This issue, I confess, sits in a very prominent fold in my mind. I debate myself about it constantly. On the one hand, I'm thrilled by the fact that Obamacare assures health care coverage for all of us, even our most disenfranchised. On the other hand, this positive embrace is clouded by the reality that most of our health care issues are self-generated. I am very resistant to paying for someone else's dereliction when the choice to be healthy or not to b healthy is obvious.
This perspective arises from many experiences. A powerful one occurred a few years ago by my involvement in the care of an 18-year-old boy who presented to the Stanford Emergency Room with fever, shaking chills and heart failure. Our diagnostic sleuths quickly diagnosed A.B.E, acute bacterial endocarditis, an infection of the interior of the heart by an invading bacteria.
It quickly emerged that he was an IV drug user, and therefore at increased risk for this potentially fatal complication. Even with appropriate high-dose antibiotic therapy, his infection destroyed one of the valves of his heart, and an emergency replacement by a member of our skilled cardiac surgery team repaired the ruptured valve. This serious plumbing issue was mechanically patched.
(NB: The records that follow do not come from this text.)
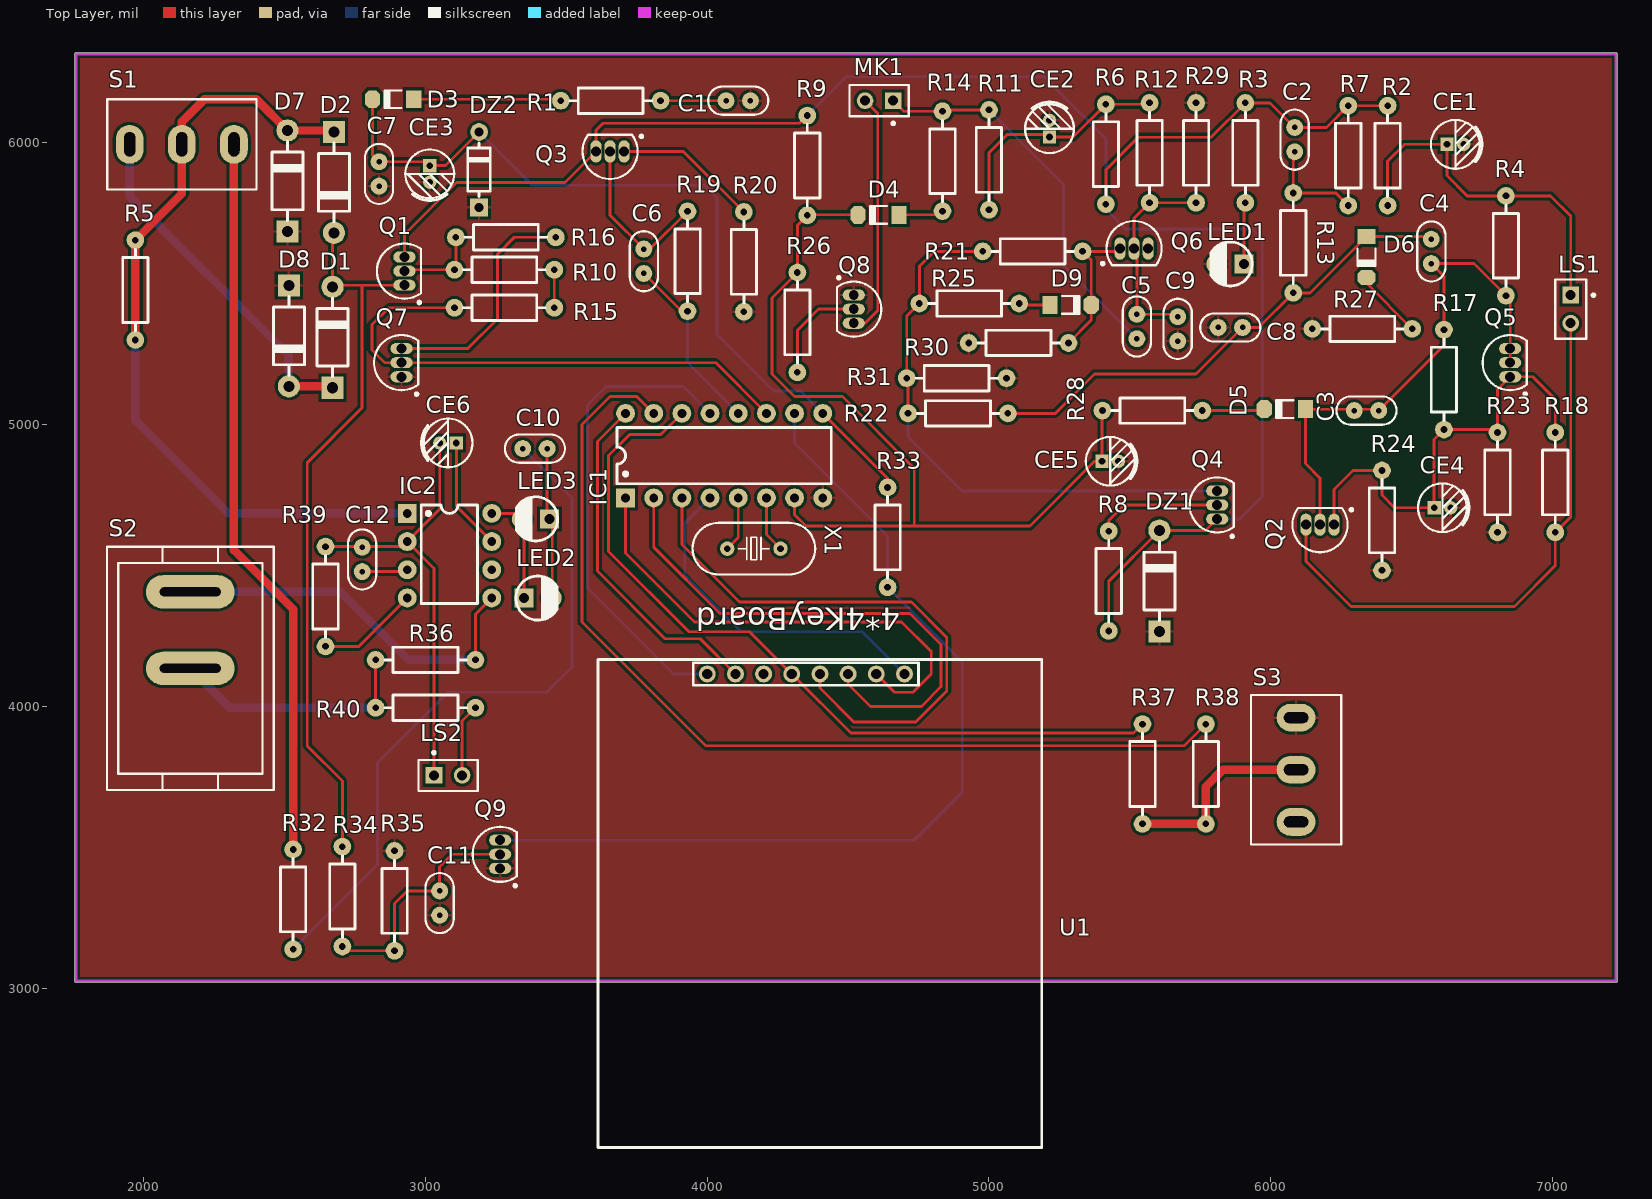
[diagram p0: Top Layer view]
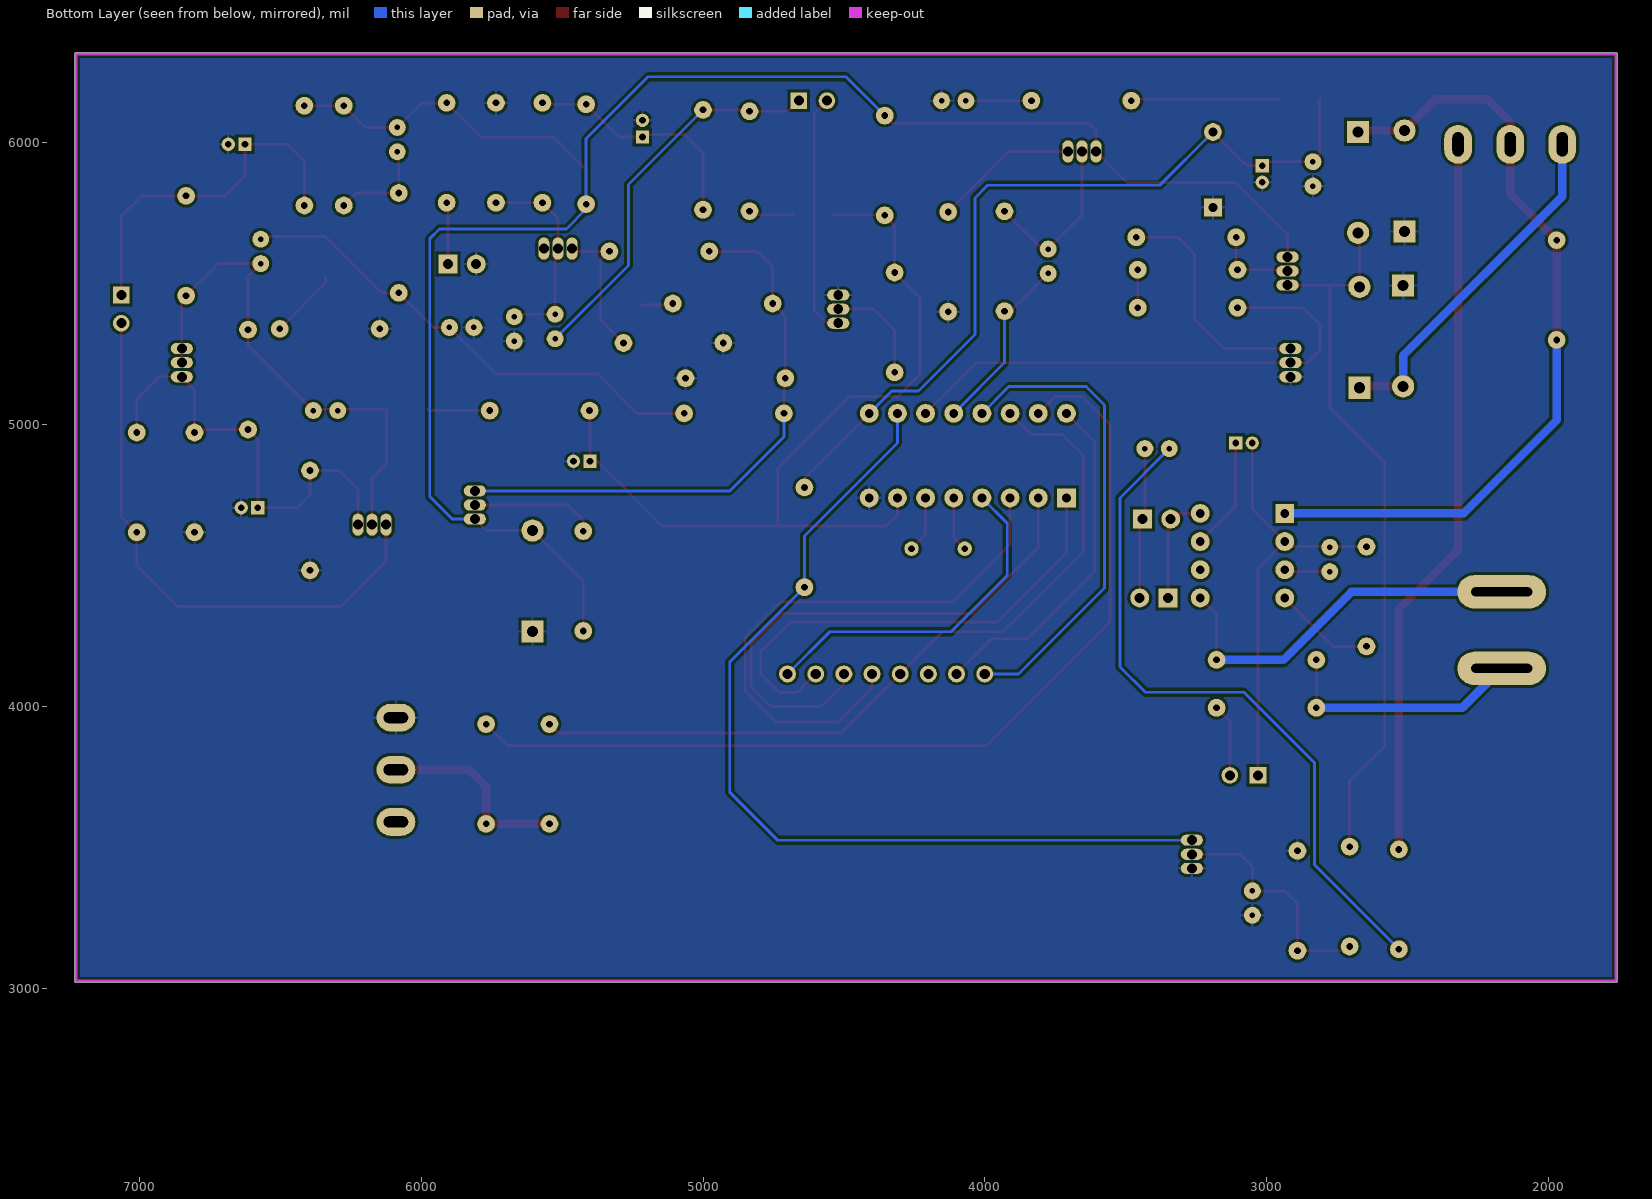
[diagram p1: Bottom Layer view, seen from below]
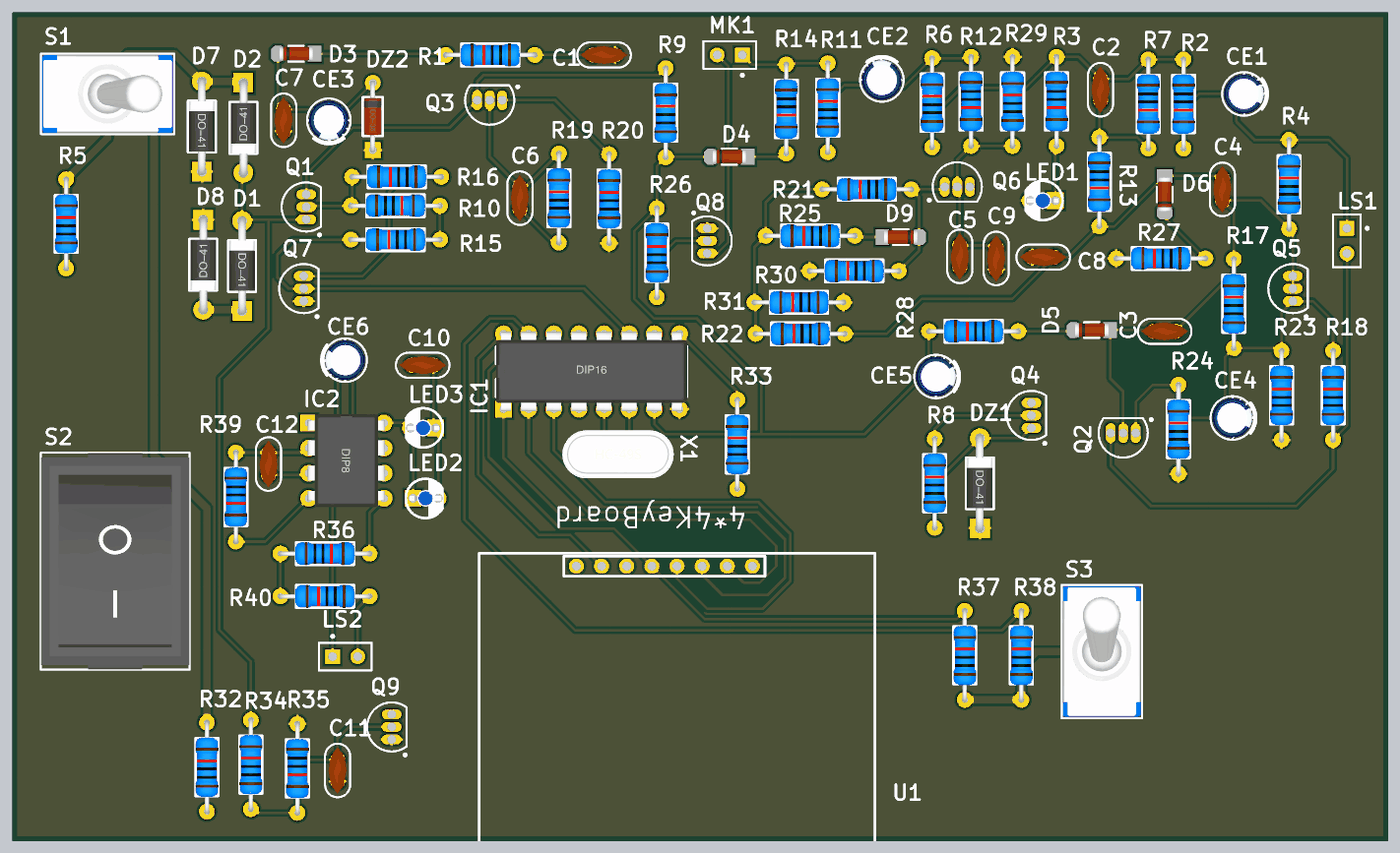
[diagram p2: 3D render of the assembled board from above, using the file's embedded part models]
# Altium PCB MISC82217.PcbDoc
Units mil, origin at the board's own origin, x right, y up, seen from the top; angles counter-clockwise.
Board outline 5475.03 x 3300.03 mil, 2 copper layers (Top Layer, Bottom Layer); 91 components, 60 nets, 219 pads, 0 vias.

## Layer stack, top to bottom (the 12.6 mil dielectric is the usual default, probably not edited)
Top Solder: solder mask 0.4, Solder Resist, Dk 3.5
Top Layer: signal copper 1.4
Dielectric 1: dielectric 12.6, FR-4, Dk 4.8
Bottom Layer: signal copper 1.4
Bottom Solder: solder mask 0.4, Solder Resist, Dk 3.5

## Board outline
1760,3019.99 cw(c1760,3025) 1754.98,3025 1754.98,6315 cw(c1760,6315) 1760,6320.02 7225,6320.02 cw(c7225,6315) 7230.02,6315 7230.02,3025 cw(c7225,3025) 7225,3019.99

## Design rules (kind name [scope] priority, off if disabled: settings)
Clearance [All] p1: gap=10
Height [All] p1: minheight=0 maxheight=99999 prefheight=500
HoleSize [All] p1: absolutevalues=TRUE maxlimit=1000 minlimit=1 maxpercent=80.000 minpercent=20.000
MinimumSolderMaskSliver [All] p1: minsoldermaskwidth=0
PolygonConnect [All] p1: connectstyle=Relief reliefconductorwidth=10 reliefentries=4 polygonreliefangle="90 Angle" airgapwidth=10
RoutingVias [All] p1: holewidth=28 width=50 viastyle="Through Hole" minholewidth=28 minwidth=50 maxholewidth=28 maxwidth=50
SilkToSilkClearance [All] p1: silktosilkclearance=0
SilkToSolderMaskClearance [IsPad] p1: minsilkscreentomaskgap=0 clearancetoexposedcopper=TRUE
SolderMaskExpansion [All] p1: expansion=4
Width [All] p1: maxlimit=30 minlimit=10 preferedwidth=10
25 further rules are at their usual default settings.

## Components (designator, comment, footprint, x,y, rotation, side; value= is the part's Value field where it differs from the comment)
C1 "22NF" "CC 2.2*5" 4110,6150 r180 top
C2 "10NF" "CC 2.2*5" 6085,6011.69 r90 top
C3 "100NF" "CC 2.2*5" 6340,5050 r180 top
C4 "100NF" "CC 2.2*5" 6570,5615 r90 top
C5 "10NF" "CC 2.2*5" 5525,5348.31 r270 top
C6 "22NF" "CC 2.2*5" 3775,5580 r90 top
C7 "100NF" "CC 2.2*5" 2835,5890 r90 top
C8 "22NF" "CC 2.2*5" 5856.69,5345 r0 top
C9 "33NF" "CC 2.2*5" 5670,5340 r90 top
C10 "1UF" "CC 2.2*5" 3388.31,4915 r0 top
C11 "100NF" "CC 2.2*5" 3050,3301.69 r90 top
C12 "100NF" "CC 2.2*5" 2775,4521.69 r270 top
CE1 "100UF" "CAP 1.5*4*8" 6655.47,5995 r0 top
CE2 "4.7UF" "CAP 1.5*4*8" 5215,6050.47 r90 top
CE3 "100UF" "CAP 1.5*4*8" 3015,5890 r270 top
CE4 "47UF" "CAP 1.5*4*8" 6609.53,4705 r0 top
CE5 "4.7UF" "CAP 1.5*4*8" 5430.47,4870 r0 top
CE6 "10uF/16V" "CAP 1.5*4*8" 3080,4935 r180 top
D1 "1N4007" DO-41 2670,5310 r90 top
D2 "1N4007" DO-41 2675,5860 r270 top
D3 "1N4148" "MINI_MELF (LL34)" 2885,6155 r180 top
D4 "1N4148" "MINI_MELF (LL34)" 4608.03,5745 r180 top
D5 "1N4148" "MINI_MELF (LL34)" 6050,5055 r180 top
D6 "1N4148" "MINI_MELF (LL34)" 6340,5595 r270 top
D7 "1N4007" DO-41 2510,5865 r90 top
D8 "1N4007" DO-41 2515,5315 r270 top
D9 "1N4148" "MINI_MELF (LL34)" 5290,5425 r0 top
DZ1 "1N4742" DO-41 5605,4445 r90 top
DZ2 "1N4106" DO-35 3190,5905 r90 top
IC1 "HM91710A" DIP16 4060,4890 r90 top
IC2 "GL6840A" DIP8 3085,4535 r0 top
LED1 "Red" "LED 3MM-B" 5855,5570 r180 top
LED2 "Red" "LED 3MM-B" 3400,4385 r0 top
LED3 "Red" "LED 3MM-B" 3390,4665 r180 top
LS1 "Speaker" PIN2 7065,5460 r270 top
LS2 "Bell" PIN2 3030,3755 r0 top
MK1 "Mic2" PIN2 4660,6150 r180 top
Q1 "A1013" TO-92A 2925,5545 r0 top
Q2 "9014" TO-92A 6175,4645 r90 top
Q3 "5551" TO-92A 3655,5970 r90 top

He did very well postoperatively and went home. But in two weeks, he was back in the ER with the same presentation, another batch of antibiotics and another surgical valve replacement quickly followed. This time, however, a clever house resident, in caring for him in the medical floor, discovered that he was dealing drugs while in the hospital bed. He was selling and self-injecting. A stern stringency was applied.
He went home. This time he was away for five weeks, and then reappeared without surprise. His case represented a stern challenge. The medical system was supremely effective in dealing with the health aspects of his case, yet frustration and even anger were generated by our inability to address the social pathology.
We presented his case to our graduate medical grand rounds in the effort to get some consensus. Did he need a cardiac surgeon or a sheriff?
It happened that he was then absent to our care for several months. One of our eager residents had the initiative to call Los Angeles County Hospital, and indeed there he was, now their burden.
Certainly, an aspect of his care is financial. His hospital bills at Stanford were picked up to the tune of $600,000 by Medi-Cal. Who pays the bills for Medi-Cal? You do. I do, we all do. So does his intrinsic right to medical care qualify him for infinite free medical response? Does responsibility trump rights? I wrestle with this dilemma.
What is society's responsibility to pay for someone's destructive behavior? I have no argument with the individual's freedom to own their body. But just don't send me the bill for your decision. What about smokers? High rise construction workers? Obesity? Certainly, they all are financial risks. Who pays this bill? We all do.
Several years ago while debating this issue, I contacted Norman Daniels at Harvard, who is one of our major bioethicists. (1) His immediate response to me was, "You can't blame the victim. Society bears the collective responsibility for all of its citizens, regardless of behavior." His feeling is that behavior is indeed a byproduct of the whole system, and any associated costs should be shared by all.
Is this true?
My debate goes on.
Daniel N. Just Health. Meeting Health Needs Fairly 2007 Cambridge Univ Press.